At its heart, therefore, sustainable development comes right down to one all–important challenge: is it possible to conceptualise and then operationalise an alternative model of capitalism - one that allows for the sustainable management of all the different capital assets we rely on, so that the yield from those different assets sustains us now as well as in the future? And to do it in a way that lifts people’s spirits as to the real potential of humankind rather than assumes the worst?
The case for sustainable development must be reframed if that is to happen. It must be as much about new opportunities for responsible wealth creation as about outlawing irresponsible wealth creation. And it must draw on a core of ideas and values that speaks directly to people’s desire for a higher quality of life, emphasising enlightened self-interest and personal wellbeing of a different kind.

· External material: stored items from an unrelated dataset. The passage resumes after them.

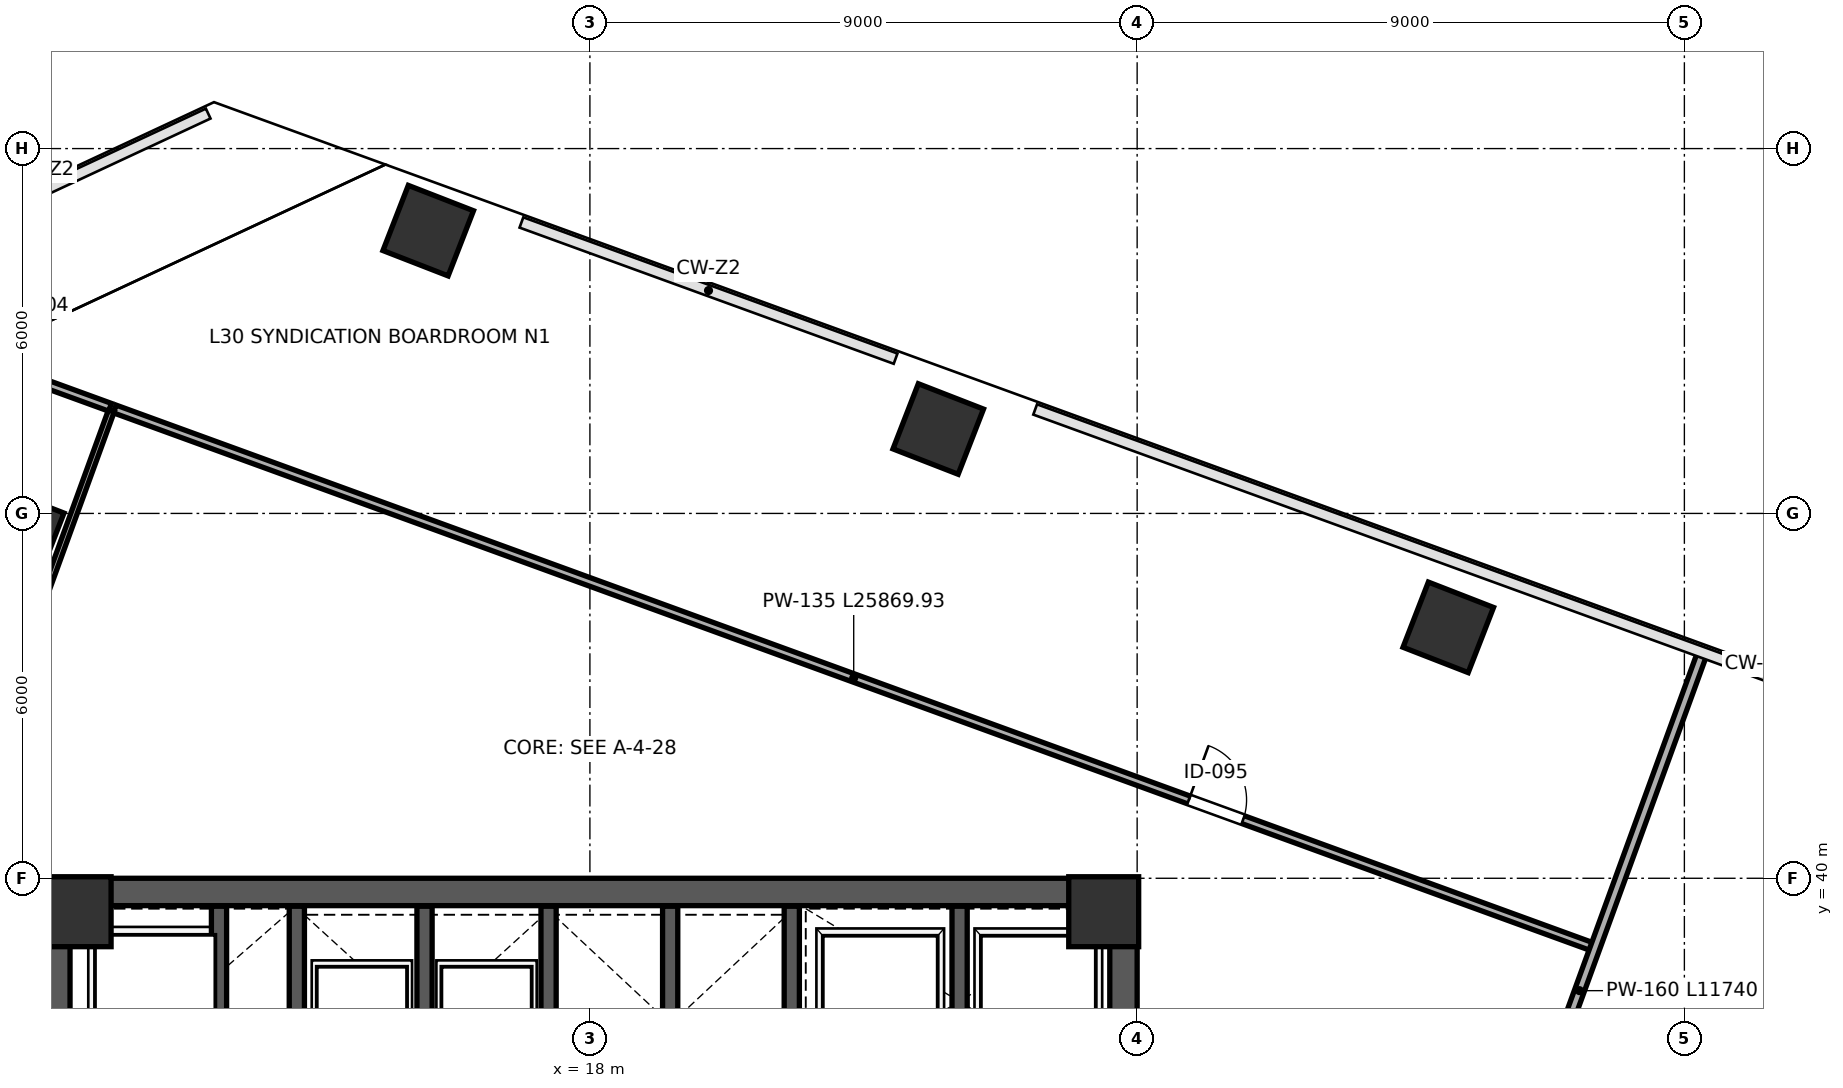
"""IFC4 building model, lengths in metres.
Left out: names, types, materials, properties, quantities, classifications, styles, units other than length and angle.
Written with IfcOpenShell. Run it as: python <this file> out.ifc"""

import sys

from ifc_helpers import new_model, si_unit, direction, frame, frame_2d, origin, origin_2d, place, context, subcontext, project, spatial, rectangle, extrude, clip, halfspace, source, transform, mapped, element, fill, save


model = new_model("IFC4")
c1 = context("Model", 3, precision=1e-05, world=origin(), true_north=direction((0.0, 1.0)))
c2 = subcontext(c1, "Body", "Model", "MODEL_VIEW")
j1 = project(units=[si_unit("LENGTHUNIT", "METRE"), si_unit("PLANEANGLEUNIT", "RADIAN")], contexts=[c1])
p1 = place(None, origin())
s1 = spatial("IfcSite", under=j1, at=p1, CompositionType="ELEMENT")
p2 = place(p1, origin())
s2 = spatial("IfcBuilding", under=s1, at=p2, CompositionType="ELEMENT")
p3 = place(p2, frame((0.0, 0.0, 137.2)))
s3 = spatial("IfcBuildingStorey", under=s2, at=p3, CompositionType="ELEMENT", Elevation=137.2)
m1 = source(origin(), c2, "Body", "SweptSolid", [
    extrude(rectangle(XDim=1.15, YDim=1.15, at=origin_2d()), origin(), (0.0, 0.0, 1.0), 4.198),
])
for number, where, z_axis, x_axis in (
    (1, (9.55, 39.45, 0.001), (0.0, 0.0, 1.0), (1.0, 0.0, 0.0)),
    (2, (26.45, 39.45, 0.001), (0.0, 0.0, 1.0), (1.0, 0.0, 0.0)),
):
    element("IfcColumn", number, at=place(p3, frame(where, z_axis=z_axis, x_axis=x_axis)), inside=s3, PredefinedType="COLUMN", context=c2, shape_type="MappedRepresentation", body=[
        mapped(m1, transform((0.0, 0.0, 0.0), scale=1.0)),
    ])
p4 = place(p3, frame((15.341, 50.65, 0.0), z_axis=(0.096748017345, 0.030765059909, 0.994833318817), x_axis=(-0.061176177051, -0.99744853389, 0.036795347569)))
e3 = element("IfcColumn", 3, at=p4, inside=s3, PredefinedType="COLUMN", context=c2, shape_type="Clipping", body=[
    clip(clip(extrude(rectangle(XDim=1.15, YDim=1.15, at=origin_2d()), origin(), (0.0, 0.0, 1.0), 4.222), halfspace(frame((0.0, 0.0, 0.077), z_axis=(0.0, 0.0, -1.0), x_axis=(1.0, 0.0, 0.0)), False)), halfspace(frame((0.0, 0.0, 4.145), z_axis=(0.0, 0.0, 1.0), x_axis=(1.0, 0.0, 0.0)), False)),
])
p5 = place(p3, frame((23.729, 47.388, 0.0), z_axis=(0.079552556532, -0.012399305971, 0.996753554275), x_axis=(-0.500484286298, -0.865253690413, 0.029180993742)))
e4 = element("IfcColumn", 4, at=p5, inside=s3, PredefinedType="COLUMN", context=c2, shape_type="Clipping", body=[
    clip(clip(extrude(rectangle(XDim=1.15, YDim=1.15, at=origin_2d()), origin(), (0.0, 0.0, 1.0), 4.214), halfspace(frame((0.0, 0.0, 0.061), z_axis=(0.0, 0.0, -1.0), x_axis=(1.0, 0.0, 0.0)), False)), halfspace(frame((0.0, 0.0, 4.153), z_axis=(0.0, 0.0, 1.0), x_axis=(1.0, 0.0, 0.0)), False)),
])
p6 = place(p3, frame((32.117, 44.126, 0.0), z_axis=(0.062155538121, -0.055609801115, 0.996516050599), x_axis=(-0.890608466488, -0.453765183113, 0.030227768921)))
e5 = element("IfcColumn", 5, at=p6, inside=s3, PredefinedType="COLUMN", context=c2, shape_type="Clipping", body=[
    clip(clip(extrude(rectangle(XDim=1.15, YDim=1.15, at=origin_2d()), origin(), (0.0, 0.0, 1.0), 4.215), halfspace(frame((0.0, 0.0, 0.063), z_axis=(0.0, 0.0, -1.0), x_axis=(1.0, 0.0, 0.0)), False)), halfspace(frame((0.0, 0.0, 4.152), z_axis=(0.0, 0.0, 1.0), x_axis=(1.0, 0.0, 0.0)), False)),
])
p7 = place(p3, frame((8.695, 45.563, 0.0), z_axis=(0.070818581829, 0.065495616528, 0.995336652939), x_axis=(0.367965840543, -0.929181806711, 0.034961554169)))
e6 = element("IfcColumn", 6, at=p7, inside=s3, PredefinedType="PILASTER", context=c2, shape_type="Clipping", body=[
    clip(clip(extrude(rectangle(XDim=0.9, YDim=1.3, at=origin_2d()), origin(), (0.0, 0.0, 1.0), 4.22), halfspace(frame((0.0, 0.0, 0.075), z_axis=(0.0, 0.0, -1.0), x_axis=(1.0, 0.0, 0.0)), False)), halfspace(frame((0.0, 0.0, 4.145), z_axis=(0.0, 0.0, 1.0), x_axis=(1.0, 0.0, 0.0)), False)),
])
p8 = place(p3, frame((9.225, 24.45, 0.0), z_axis=(0.0, 0.0, 1.0), x_axis=(0.0, 1.0, 0.0)))
e7 = element("IfcWall", 7, at=p8, inside=s3, PredefinedType="SHEAR", context=c2, shape_type="SweptSolid", body=[
    extrude(rectangle(XDim=15.1, YDim=0.45, at=frame_2d((7.55, 0.0))), origin(), (0.0, 0.0, 1.0), 3.96),
])
p9 = place(p3, frame((26.775, 24.45, 0.0), z_axis=(0.0, 0.0, 1.0), x_axis=(0.0, 1.0, 0.0)))
e8 = element("IfcWall", 8, at=p9, inside=s3, PredefinedType="SHEAR", context=c2, shape_type="SweptSolid", body=[
    extrude(rectangle(XDim=15.1, YDim=0.45, at=frame_2d((7.55, 0.0))), origin(), (0.0, 0.0, 1.0), 3.96),
])
p10 = place(p9, frame((8.6, 0.0, 0.0)))
e9 = element("IfcOpeningElement", 9, at=p10, cuts=e8, PredefinedType="OPENING", context=c2, shape_type="SweptSolid", body=[
    extrude(rectangle(XDim=1.15, YDim=2.2, at=frame_2d((0.575, 1.1))), frame((0.0, 0.235, 0.0), z_axis=(0.0, -1.0, 0.0), x_axis=(1.0, 0.0, 0.0)), (0.0, 0.0, 1.0), 0.47),
])
p11 = place(p3, frame((9.0, 39.775, 0.0), z_axis=(0.0, 0.0, 1.0), x_axis=(1.0, 0.0, 0.0)))
e10 = element("IfcWall", 10, at=p11, inside=s3, PredefinedType="SHEAR", context=c2, shape_type="SweptSolid", body=[
    extrude(rectangle(XDim=18.0, YDim=0.45, at=frame_2d((9.0, 0.0))), origin(), (0.0, 0.0, 1.0), 3.96),
])
p12 = place(p3, frame((21.32, 32.12, 0.0), z_axis=(0.0, 0.0, 1.0), x_axis=(0.0, 1.0, 0.0)))
e11 = element("IfcWall", 11, at=p12, inside=s3, PredefinedType="SHEAR", context=c2, shape_type="SweptSolid", body=[
    extrude(rectangle(XDim=7.42, YDim=0.25, at=frame_2d((3.71, 0.0))), origin(), (0.0, 0.0, 1.0), 3.96),
])
p13 = place(p12, frame((1.4, 0.0, 0.0)))
e12 = element("IfcOpeningElement", 12, at=p13, cuts=e11, PredefinedType="OPENING", context=c2, shape_type="SweptSolid", body=[
    extrude(rectangle(XDim=1.15, YDim=2.2, at=frame_2d((0.575, 1.1))), frame((0.0, 0.135, 0.0), z_axis=(0.0, -1.0, 0.0), x_axis=(1.0, 0.0, 0.0)), (0.0, 0.0, 1.0), 0.27),
])
p14 = place(p3, frame((11.9, 36.31, 0.0), z_axis=(0.0, 0.0, 1.0), x_axis=(0.0, 1.0, 0.0)))
e13 = element("IfcWall", 13, at=p14, inside=s3, PredefinedType="SHEAR", context=c2, shape_type="SweptSolid", body=[
    extrude(rectangle(XDim=3.23, YDim=0.25, at=frame_2d((1.615, 0.0))), origin(), (0.0, 0.0, 1.0), 3.96),
])
p15 = place(p3, frame((24.08, 36.48, 0.0), z_axis=(0.0, 0.0, 1.0), x_axis=(0.0, 1.0, 0.0)))
e14 = element("IfcWall", 14, at=p15, inside=s3, PredefinedType="SHEAR", context=c2, shape_type="SweptSolid", body=[
    extrude(rectangle(XDim=3.06, YDim=0.25, at=frame_2d((1.53, 0.0))), origin(), (0.0, 0.0, 1.0), 3.96),
])
for number, where, z_axis, x_axis in (
    (15, (13.18, 35.81, 0.0), (0.0, 0.0, 1.0), (0.0, 1.0, 0.0)),
    (16, (15.28, 35.81, 0.0), (0.0, 0.0, 1.0), (0.0, 1.0, 0.0)),
    (17, (17.32, 35.81, 0.0), (0.0, 0.0, 1.0), (0.0, 1.0, 0.0)),
    (18, (19.32, 35.81, 0.0), (0.0, 0.0, 1.0), (0.0, 1.0, 0.0)),
):
    element("IfcWall", number, at=place(p3, frame(where, z_axis=z_axis, x_axis=x_axis)), inside=s3, PredefinedType="SHEAR", context=c2, shape_type="SweptSolid", body=[
        extrude(rectangle(XDim=3.73, YDim=0.25, at=frame_2d((1.865, 0.0))), origin(), (0.0, 0.0, 1.0), 3.96),
    ])
p16 = place(p3, frame((10.184, 47.719, 0.0), z_axis=(0.0, 0.0, 1.0), x_axis=(0.939691432235, -0.342023408826, 0.0)))
e19 = element("IfcWall", 19, at=p16, inside=s3, PredefinedType="PARTITIONING", context=c2, shape_type="SweptSolid", body=[
    extrude(rectangle(XDim=25.87, YDim=0.135, at=frame_2d((12.935, 0.0))), origin(), (0.0, 0.0, 1.0), 3.96),
])
p17 = place(p16, frame((18.8, 0.0, 0.0)))
e20 = element("IfcOpeningElement", 20, at=p17, cuts=e19, PredefinedType="OPENING", context=c2, shape_type="SweptSolid", body=[
    extrude(rectangle(XDim=0.95, YDim=2.15, at=frame_2d((0.475, 1.075))), frame((0.0, 0.078, 0.0), z_axis=(0.0, -1.0, 0.0), x_axis=(1.0, 0.0, 0.0)), (0.0, 0.0, 1.0), 0.155),
])
p18 = place(p3, frame((2.362, 26.345, 0.0), z_axis=(0.0, 0.0, 1.0), x_axis=(0.342021727767, 0.939692044095, 0.0)))
e21 = element("IfcWall", 21, at=p18, inside=s3, PredefinedType="PARTITIONING", context=c2, shape_type="SweptSolid", body=[
    extrude(rectangle(XDim=22.72, YDim=0.1, at=frame_2d((11.36, 0.0))), origin(), (0.0, 0.0, 1.0), 3.96),
])
p19 = place(p18, frame((6.2, 0.0, 0.0)))
e22 = element("IfcOpeningElement", 22, at=p19, cuts=e21, PredefinedType="OPENING", context=c2, shape_type="SweptSolid", body=[
    extrude(rectangle(XDim=0.95, YDim=2.15, at=frame_2d((0.475, 1.075))), frame((0.0, 0.06, 0.0), z_axis=(0.0, -1.0, 0.0), x_axis=(1.0, 0.0, 0.0)), (0.0, 0.0, 1.0), 0.12),
])
p20 = place(p3, frame((5.946, 49.261, 0.0), z_axis=(0.0, 0.0, 1.0), x_axis=(0.939693620895, -0.342017395535, 0.0)))
e23 = element("IfcWall", 23, at=p20, inside=s3, PredefinedType="PARTITIONING", context=c2, shape_type="SweptSolid", body=[
    extrude(rectangle(XDim=4.43, YDim=0.135, at=frame_2d((2.215, 0.0))), origin(), (0.0, 0.0, 1.0), 3.96),
])
p21 = place(p3, frame((32.267, 32.636, 0.0), z_axis=(0.0, 0.0, 1.0), x_axis=(0.34200686721, 0.939697452791, 0.0)))
e24 = element("IfcWall", 24, at=p21, inside=s3, PredefinedType="PARTITIONING", context=c2, shape_type="SweptSolid", body=[
    extrude(rectangle(XDim=11.74, YDim=0.16, at=frame_2d((5.87, 0.0))), origin(), (0.0, 0.0, 1.0), 3.195),
])
m2 = source(origin(), c2, "Body", "SweptSolid", [
    extrude(rectangle(XDim=0.95, YDim=2.15, at=frame_2d((0.475, 1.075))), frame((0.0, 0.025, 0.0), z_axis=(0.0, -1.0, 0.0), x_axis=(1.0, 0.0, 0.0)), (0.0, 0.0, 1.0), 0.05),
])
p22 = place(p17, origin())
e25 = element("IfcDoor", 25, at=p22, inside=s3, OperationType="SINGLE_SWING_LEFT", PredefinedType="DOOR", context=c2, shape_type="MappedRepresentation", body=[
    mapped(m2, transform((0.0, 0.0, 0.0), scale=1.0)),
])
fill(e20, e25)
save(model, sys.argv[1])

It is only this combination (sustainable development seen as answering the unavoidable challenge of living within natural limits, providing unprecedented opportunities for responsible and innovative wealth creators, and offering people a more balanced and more rewarding way of life) which is likely to provide any serious political alternative to today’s economic and political orthodoxy. And there’s a strong argument that says that unless conventional environmentalism throws in its lot with this kind of progressive political agenda, it will continue to under-perform.
It’s in that context that Forum for the Future has spent a lot of time developing a new ‘framework’ to conceptualise an alternative model of capitalism. (Further details about the Five Capitals Framework, which we use to underpin much of the work that we do with our partners, can be found here.)
Looking at the mess that contemporary capitalism has made of the world today, it requires a real stretch of the imagination to think through, rigorously and systematically, what genuinely sustainable capitalism would really look like. But to me, it seems unarguable that the bipolar challenges of, on the one hand, the biophysical limits to growth and, on the other, of the terrible damage being done to the human spirit through the pursuit of unbridled materialism, will compel a profound transformation of contemporary capitalism – and sooner rather than later if we want to avoid dramatic social and economic disruption.
Hence the idea of “Capitalism as if the World Matters”: an evolved, intelligent and elegant form of capitalism that puts the Earth at its very centre and ensures that all people are its beneficiaries in recognition of our unavoidable interdependence.
From that perspective, it is only sustainable development that can provide both the intellectual foundations and the operational pragmatism upon which to base such a transformation. This is why sustainable development remains for me the only seriously “big idea” that can bear the weight of that challenge, and why the core values that underpin sustainable development – interdependence, empathy, equity, personal responsibility and intergenerational justice – are the only foundation upon which any viable vision of a better world can possibly be constructed.